In addition to providing preliminary recommendations for Stage 3, committee members also presented some objectives that are stage undetermined, while others were clearly set aside as a “Stage 4 Placeholder.”  The MU Workgroup said they plan to distribute a Request for Comment in November with responses due by December 21, 2012.  The plan is to transmit final recommendations for Stage 3 to HHS in May 2013.  Here are some other recommendations from related workgroups.

Think Tanks Debate ACA 2.0 in Washington This week, the New England Journal of Medicine release two papers written by prominent Washington-based think tanks, teeing up a debate about how to reduce healthcare costs.  The left-leaning Center for American Progress (CAP) outlined a number of reforms that supporters – like CAP senior fellow Ezekiel Emanuel, and including former CMS chief Don Berwick, former OMB Director Peter Orszag and former Senate Majority Leader Tom Daschle – say will bend the “cost curve.”  The authors advocate for an approach that partly relies on government to move providers and insurers away from fee-for-service waste. Chief among their ideas is a push to require insurers and providers to negotiate rates within a budget, known as a global spending target, to prevent open-ended fee-for-service arrangements. The plan would also move most of Medicare and Medicaid away from fee-for-service payments within 10 years. Advocates for the new approach say their proposal represents “the next generation” of reforms intended to prevent health care costs from consuming a greater share of the national economy.

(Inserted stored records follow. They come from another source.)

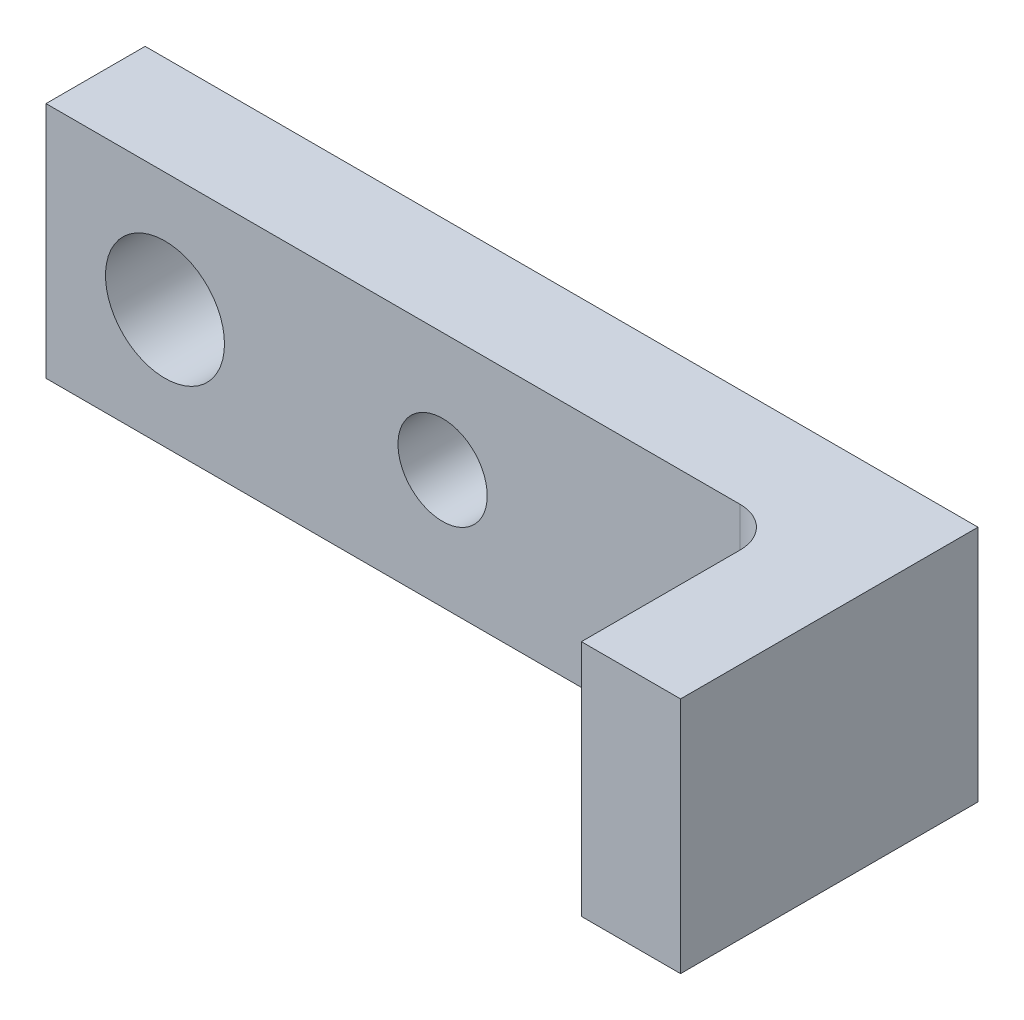
from build123d import *

# Parameters (mm, degrees)
SKETCH1_W           = 42
SKETCH1_H           = 12
SKETCH1_R           = 2.25
SKETCH1_R_2         = 3
BOSS_EXTRUDE1_DEPTH = 5
SKETCH2_W           = 5
SKETCH2_H           = 12
BOSS_EXTRUDE2_DEPTH = 10
FILLET1_R           = 2


with BuildPart() as part:
    # Sketch1 → Boss-Extrude1 (new body)
    with BuildSketch(Plane.XY):
        with Locations((21, 6)):
            Rectangle(SKETCH1_W, SKETCH1_H)
        with Locations((20, 6)):
            Circle(SKETCH1_R, mode=Mode.SUBTRACT)
        with Locations((6, 6)):
            Circle(SKETCH1_R_2, mode=Mode.SUBTRACT)
    extrude(amount=BOSS_EXTRUDE1_DEPTH)

    # Sketch2 → Boss-Extrude2 (add)
    with BuildSketch(Plane.XY.offset(5)):
        with Locations((39.5, 6)):
            Rectangle(SKETCH2_W, SKETCH2_H)
    extrude(amount=BOSS_EXTRUDE2_DEPTH)

    # Fillet1
    fillet1_edges = [part.edges().sort_by_distance(p)[0] for p in [
        (37, 6, 5),
    ]]
    fillet(fillet1_edges, radius=FILLET1_R)


solid = part.part
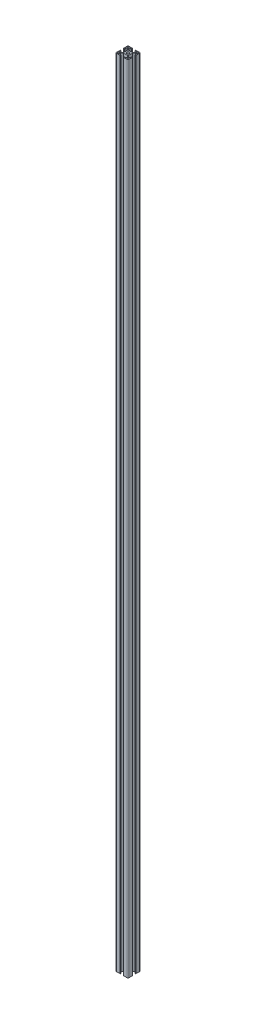
SolidWorks part; units mm, degrees
ref_plane "前视基准面" through (0, 0, 0) normal (0, 0, 1) x (1, 0, 0)
ref_plane "上视基准面" through (0, 0, 0) normal (0, 1, 0) x (1, 0, 0)
ref_plane "右视基准面" through (0, 0, 0) normal (1, 0, 0) x (0, 0, -1)
sketch "草图1" plane through (0, 0, 0) normal (0, 1, 0) x (1, 0, 0)
  line L44 (6.75, -28) -> (11, -28)
  line L45 (11, -28) -> (11, -30)
  line L46 (11, -30) -> (2, -30)
  line L47 (0, -28) -> (0, -19)
  line L48 (0, -19) -> (2, -19)
  line L49 (2, -19) -> (2, -23.25)
  line L50 (28, -30) -> (19, -30)
  line L51 (19, -30) -> (19, -28)
  line L52 (23.25, -28) -> (23.25, -24.6642)
  line L53 (19, -28) -> (23.25, -28)
  line L54 (30, -19) -> (30, -28)
  line L55 (28, -19) -> (30, -19)
  line L56 (28, -23.25) -> (28, -19)
  line L57 (24.6642, -23.25) -> (28, -23.25)
  line L58 (21, -19.5858) -> (24.6642, -23.25)
  line L59 (23.25, -24.6642) -> (19.5858, -21)
  line L60 (6.75, -24.6642) -> (6.75, -28)
  line L61 (2, -23.25) -> (5.3358, -23.25)
  line L62 (5.3358, -23.25) -> (9, -19.5858)
  line L63 (10.4142, -21) -> (6.75, -24.6642)
  line L64 (19.5858, -21) -> (10.4142, -21)
  line L65 (9, -19.5858) -> (9, -10.4142)
  line L66 (21, -10.4142) -> (21, -19.5858)
  line L67 (30, -11) -> (28, -11)
  line L68 (28, -11) -> (28, -6.75)
  line L69 (28, -6.75) -> (24.6642, -6.75)
  line L70 (24.6642, -6.75) -> (21, -10.4142)
  line L71 (19.5858, -9) -> (23.25, -5.3358)
  line L72 (10.4142, -9) -> (19.5858, -9)
  line L73 (6.75, -5.3358) -> (10.4142, -9)
  line L74 (9, -10.4142) -> (5.3358, -6.75)
  line L75 (2, -11) -> (0, -11)
  line L76 (2, -6.75) -> (2, -11)
  line L77 (5.3358, -6.75) -> (2, -6.75)
  line L78 (6.75, -2) -> (6.75, -5.3358)
  line L79 (23.25, -5.3358) -> (23.25, -2)
  line L80 (23.25, -2) -> (19, -2)
  line L81 (19, -2) -> (19, 0)
  line L82 (11, 0) -> (11, -2)
  line L83 (11, -2) -> (6.75, -2)
  line L84 (30, -2) -> (30, -11)
  line L85 (19, 0) -> (28, 0)
  line L86 (2, 0) -> (11, 0)
  line L87 (0, -11) -> (0, -2)
  line L88 (0, -15) -> (30, -15) construction
  line L89 (15, -30) -> (15, 0) construction
  line L90 (0, 0) -> (30, -30) construction
  line L91 (0, -30) -> (30, 0) construction
  arc A9 (0, -28) -> (2, -30) centre (2, -28) ccw
  circle A10 centre (3.375, -26.625) radius 2.1
  circle A11 centre (26.625, -26.625) radius 2.1
  arc A12 (28, -30) -> (30, -28) centre (28, -28) ccw
  circle A13 centre (15, -15) radius 3.4
  circle A14 centre (3.375, -3.375) radius 2.1
  circle A15 centre (26.625, -3.375) radius 2.1
  arc A16 (30, -2) -> (28, 0) centre (28, -2) ccw
  arc A17 (2, 0) -> (0, -2) centre (2, -2) ccw
  dimension "D2" = 15
  dimension "D5" = 6.8
  dimension "D8" = 6
  dimension "D11" = 23.25
  dimension "D12" = 3.375
  dimension "D13" = 23.25
  dimension "D14" = 4.2
  dimension "D15" = 2
  dimension "D16" = 2
  dimension "D23" = 2
  dimension "D24" = 2
  dimension "D1" = 15
  dimension "D3" = 45
  dimension "D4" = 45
  dimension "D6" = 30
  dimension "D7" = 30
  dimension "D9" = 12
  dimension "D10" = 3.375
  dimension "D17" = 11
  dimension "D18" = 8
  dimension "D19" = 2
  dimension "D20" = 2
  dimension "D21" = 11
  dimension "D22" = 8
  dimension "D25" = 2
  dimension "D26" = 2
  dimension "D27" = 6.75
  dimension "D28" = 16.5
  dimension "D29" = 6.75
  dimension "D30" = 16.5
  dimension "D31" = 12
  dimension "D32" = 6
  dimension "D33" = 2
  dimension "D34" = 1
  dimension "D35" = 2
  dimension "D36" = 1
extrude "拉伸1" add sketch "草图1" along normal blind 1940
hole_wizard "打孔尺寸根据内六角圆柱头螺钉的类型1" positions "草图3" profile "草图2" counterbore size "M6" standard "GB" end condition through all
sketch "草图3" plane through (0, 0, 0) normal (-1, 0, 0) x (0, 0, 1)
  line L0 (0, 1940) -> (0, 0) construction
  line L1 (2, 1940) -> (11, 1940) construction
  line L2 (10.4142, 0) -> (19.5858, 0) construction
  line L3 (15, 1940) -> (15, 0) construction
  line L4 (10.4142, 1940) -> (19.5858, 1940) construction
  point P3 (15, 70)
  point P9 (15, 1870)
  point P26 (15, 1270)
  point P28 (15, 670)
  dimension "D1" = 15
  dimension "D2" = 70
  dimension "D3" = 70
  dimension "D4" = 600
  dimension "D5" = 600
sketch "草图2" plane through (0, 70, 15) normal (0, 1, 0) x (0, 0, 1)
  line L0 (0, 0) -> (0, 30)
  line L1 (0, 30) -> (3.3, 30)
  line L3 (3.3, 30) -> (3.3, 9)
  line L4 (3.3, 9) -> (5.5, 9)
  line L5 (5.5, 9) -> (5.5, 0)
  line L7 (5.5, 0) -> (0, 0)
  line L11 (0, -6.35) -> (0, 107.95) construction
  dimension "通孔孔直径" = 6.6
  dimension "通孔孔深度" = 30
  dimension "柱形沉头孔直径" = 11
  dimension "柱形沉头孔深度" = 9
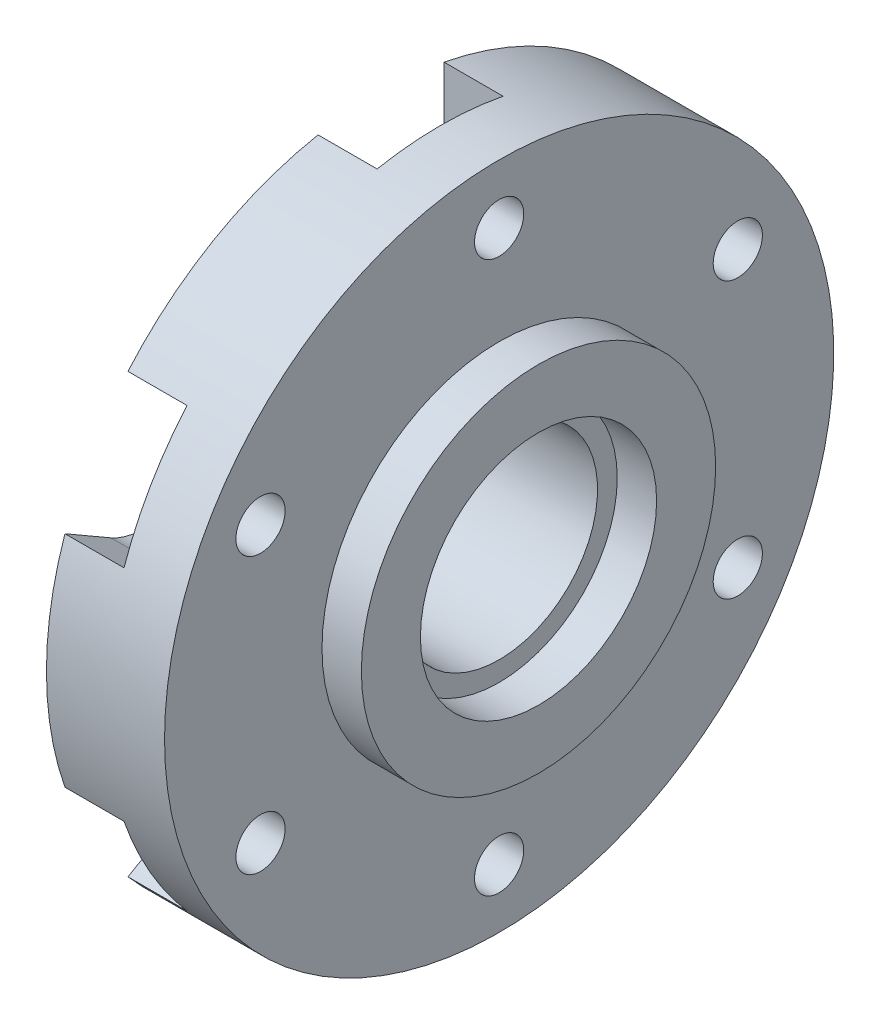
from build123d import *

# Parameters (mm, degrees)
SKETCH_2_R               = 6.25
CUT_EXTRUDE_1_DEPTH      = 127.688594593
PATTERN_CIRCULAR_1_COUNT = 6
SKETCH_3_R               = 25
CUT_EXTRUDE_2_DEPTH      = 127.688594593
CUT_EXTRUDE_START        = -15
CUT_EXTRUDE_3_DEPTH      = 15
PATTERN_CIRCULAR_2_COUNT = 6
PATTERN_CIRCULAR_3_COUNT = 6


with BuildPart() as part:
    # 草图1 → 旋转1 (revolve)
    with BuildSketch(Plane.XY, mode=Mode.PRIVATE) as revolve_1_sk:
        Polygon((0, 0), (0, 85), (30, 85), (30, 45), (40, 45), (40, 30), (30, 30), (30, 0), align=None)
    revolve(revolve_1_sk.sketch.rotate(Axis((0, 0, 0), (1, 0, 0)), 90), axis=Axis((0, 0, 0), (1, 0, 0)))

    # 草图2 → 切除-拉伸1 (cut, through all)
    with BuildSketch(Plane.ZY):
        with Locations((0, 70)):
            Circle(SKETCH_2_R)
    cut_extrude_1 = extrude(amount=-CUT_EXTRUDE_1_DEPTH, mode=Mode.SUBTRACT)

    # 阵列(圆周)1: 切除-拉伸1 ×6 about axis
    pattern_circular_1_axis = Axis((0, 0, 0), (1, 0, 0))
    for i in range(1, PATTERN_CIRCULAR_1_COUNT):
        add(cut_extrude_1.rotate(pattern_circular_1_axis, i * 360 / PATTERN_CIRCULAR_1_COUNT), mode=Mode.SUBTRACT)

    # 草图3 → 切除-拉伸2 (cut, through all)
    with BuildSketch(Plane.ZY):
        Circle(SKETCH_3_R)
    extrude(amount=-CUT_EXTRUDE_2_DEPTH, mode=Mode.SUBTRACT)

    # 草图6 → 切除-拉伸3 (cut)
    with BuildSketch(Plane.ZY.offset(CUT_EXTRUDE_START)):
        with BuildLine():
            Line((-16, 70), (-16, 83.480536654))
            ThreePointArc((-16, 83.480536654), (0, 85), (16, 83.480536654))
            Line((16, 83.480536654), (16, 70))
            ThreePointArc((16, 70), (0, 54), (-16, 70))
        make_face()
    cut_extrude_3 = extrude(amount=CUT_EXTRUDE_3_DEPTH, mode=Mode.SUBTRACT)

    # 阵列(圆周)2: 切除-拉伸3 ×6 about axis
    pattern_circular_2_axis = Axis((0, 0, 0), (1, 0, 0))
    for i in range(1, PATTERN_CIRCULAR_2_COUNT):
        add(cut_extrude_3.rotate(pattern_circular_2_axis, i * 360 / PATTERN_CIRCULAR_2_COUNT), mode=Mode.SUBTRACT)

    # 草图8 → M12 螺纹孔1 (revolve, cut)
    with BuildSketch(Plane(origin=(0, 60.621778265, 35), x_dir=(0, 0, 1), z_dir=(0, 1, 0))):
        Polygon((0, 0), (0, 21.064389157), (5.1, 18), (5.1, 0), align=None)
    hole_wizard_m12_1 = revolve(axis=Axis((-6.35, 60.621778265, 35), (1, 0, 0)), mode=Mode.SUBTRACT)

    # 阵列(圆周)3: M12 螺纹孔1 ×6 about axis
    pattern_circular_3_axis = Axis((0, 0, 0), (1, 0, 0))
    for i in range(1, PATTERN_CIRCULAR_3_COUNT):
        add(hole_wizard_m12_1.rotate(pattern_circular_3_axis, i * 360 / PATTERN_CIRCULAR_3_COUNT), mode=Mode.SUBTRACT)


solid = part.part

On the other side of the isle, American Enterprise Institute (AEI) also released a paper meant to achieve long-term cost savings in healthcare.  Joe Antos, University of Pennsylvania scholar Mark Pauly and Bush-appointed CMS Administrator Gail Wilensky said in their paper that Medicare should move to a defined contribution approach instead of continuing with the defined benefit system.  They proposed giving seniors and other beneficiaries a uniform subsidy that they could use to buy insurance from competing health plans or traditional fee-for-service Medicare. All of the coverage would offer a common set of core benefits.  The authors also said the current tax exclusions on health insurance provided by companies to their workers are ineffective.  Instead, they could be converted into a tax credit that could be used by individuals to buy insurance on their own.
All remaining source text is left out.